- Born: 1962 (age 63–64) Huaiyuan County, Anhui, China
- Education: Zhejiang University Shenzhen University
- Occupations: Founder & President Giant Interactive Group

= Shi Yuzhu =

Chinese businessman

Shi Yuzhu (史玉柱) is a Chinese entrepreneur and software engineer.

==Early life and education==
Shi was born in 1962 in Huaiyuan County, Anhui, China. After he graduated from the Department of Mathematics at Zhejiang University, he did his postgraduate study in the Department of Software Engineering at Shenzhen University.

==Business career==
Chairman of the Board and Chief Executive Officer of Giant Interactive Group, one of China's most successful online game companies. In October, licensed flagship game ZT Online to Astrum Nival of Russia. Founded the company in 2005. Took it public in the United States in November 2007. Got a bachelor's degree in mathematics from Zhejiang University, and created a huge following for his Zhuhai Giant Hi-Tech Group in 1991, based on the popularity of a single videogame. Zhuhai Giant collapsed under the weight of massive debt incurred for a 70-story skyscraper that was never built. His recent return to games through an online services provider he founded, ZTgame, has given new life to his entrepreneurial reputation.
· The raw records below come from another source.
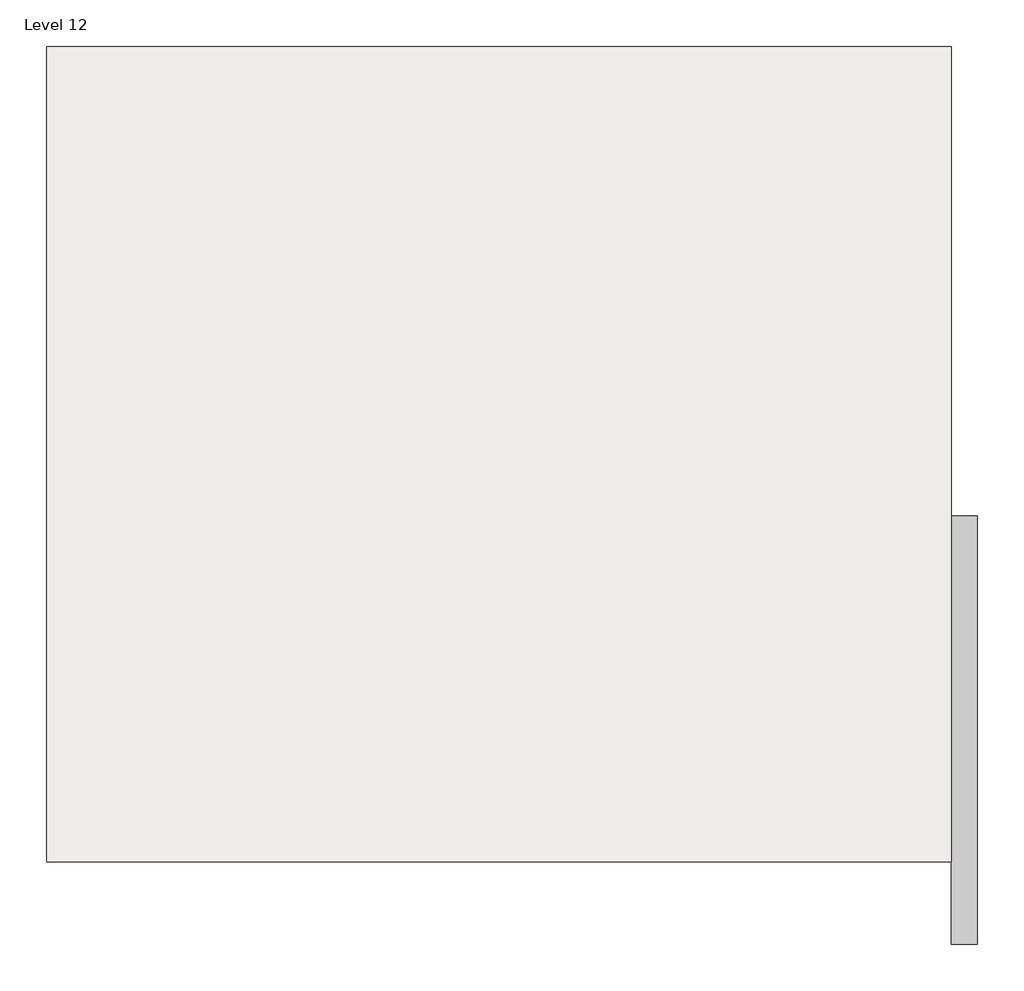
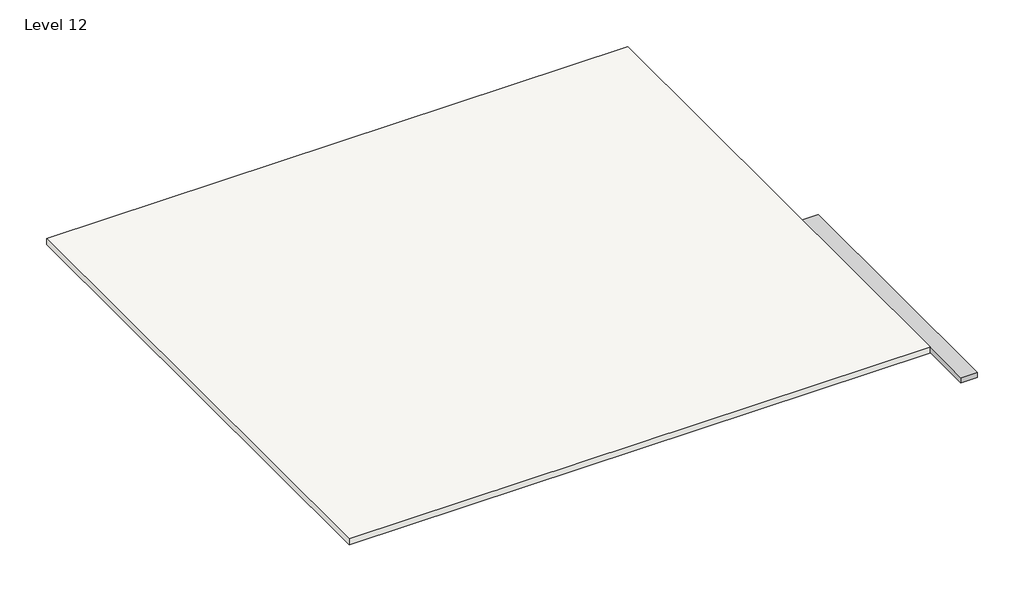
# One storey: 1 proxy, 1 slab.
"""IFC4 building model written with IfcOpenShell, lengths in millimetres."""

from ifc_helpers import new_model, si_unit, frame, origin, place, context, project, spatial, polyline, outline, extrude, transform, mapped, element, save
from components import generic_models_1_generic_models_1_103236ad

model = new_model("IFC4")

# Units and contexts
model_context = context("Model", 3, world=origin())
ifc_project = project(units=[si_unit("LENGTHUNIT", "METRE", prefix="MILLI")], contexts=[model_context])

# Site, building, storey
site = spatial("IfcSite", under=ifc_project)
building = spatial("IfcBuilding", under=site)
storey = spatial("IfcBuildingStorey", under=building, Name="Level 12", Elevation=18592.8)

# Proxy
placement = place(None, origin())
generic_models_1_generic_models_1_shape = generic_models_1_generic_models_1_103236ad(model_context)
element("IfcBuildingElementProxy", 1, Name="Generic Models 1 : Generic Models 1", ObjectType="Generic Models 1 : Generic Models 1", at=placement, inside=storey, context=model_context, shape_type="MappedRepresentation", body=[
    mapped(generic_models_1_generic_models_1_shape, transform((0.0, -228.6, 76.2), x_axis=(1.0, 0.0, 0.0), y_axis=(0.0, 1.0, 0.0), z_axis=(0.0, 0.0, 1.0))),
])

# Slab
element("IfcSlab", 2, ObjectType="Generic - 12\"", at=placement, inside=storey, context=model_context, shape_type="SweptSolid", body=[
    extrude(outline(polyline([(14106.5361222, 14825.1934186), (14106.5361222, -10371.6065814), (-13833.4638778, -10371.6065814), (-13833.4638778, 14825.1934186), (14106.5361222, 14825.1934186)])), frame((0.0, 0.0, 18613.9849443), z_axis=(0.0, 0.0, 1.0), x_axis=(1.0, 0.0, 0.0)), (0.0, 0.0, 1.0), 304.8),
])

save(model, "model.ifc")

# Revit data of these elements
# Type "Generic - 12\""
#   Assembly Code = "B1010"
#   Function = 0
#   Layers, outside or top first: 1' - 0" no material (function 1)
# Element 1 (IfcBuildingElementProxy, "Generic Models 1 : Generic Models 1")
#   Phase Created = New Construction
# Element 2 (IfcSlab, "Generic - 12\"")
#   Height Offset From Level = 1' - 0.83405"
#   Phase Created = New Construction
#   Materials on its faces: "Default Floor"
# Materials
#   "Default Floor": colour RGB 128 128 128, transparency 0

Shi also has more than 3% stakes in Minsheng Bank, of which he's a director, and Huaxia Bank. Diversifying into Chinese rice wine market.

==Giant Interactive Group==
Giant Interactive Group is an online game developer and operator in China. The Company focuses on massively multiplayer online (MMO) games that are played through networked game servers, in which a number of players are able to simultaneously connect and interact. The Company's three MMO games include ZT Online, ZT Online PTP, a pay-to-play game based on the ZT Online free-to-play game, and Giant Online. ZT Online, ZT Online PTP, ZT Online Green, ZT Online Classic Edition and Giant Online together had 1,572,000 quarterly peak concurrent users and 474,000 quarterly average concurrent users during the year ended December 31, 2009. In addition, it launched two free-to-play games, ZT Online Green and My Sweetie, and introduced King of Kings III, or K III, XT Online and The Golden Land in 2009. In December 2009, and January 2010, the Company acquired two licenses to operate Elsword and Allods Online, two three dimensional-MMO games, in mainland China.

==Wealth==
In 2010's, Forbes World's Billionaires List, Shi was ranked no. 616 in the world.

In terms of Asia, Shi is ranking at number 49 in the richest people in China, according to the Forbes 2015 rich list. His estimated worth is 3.15 billion US dollars.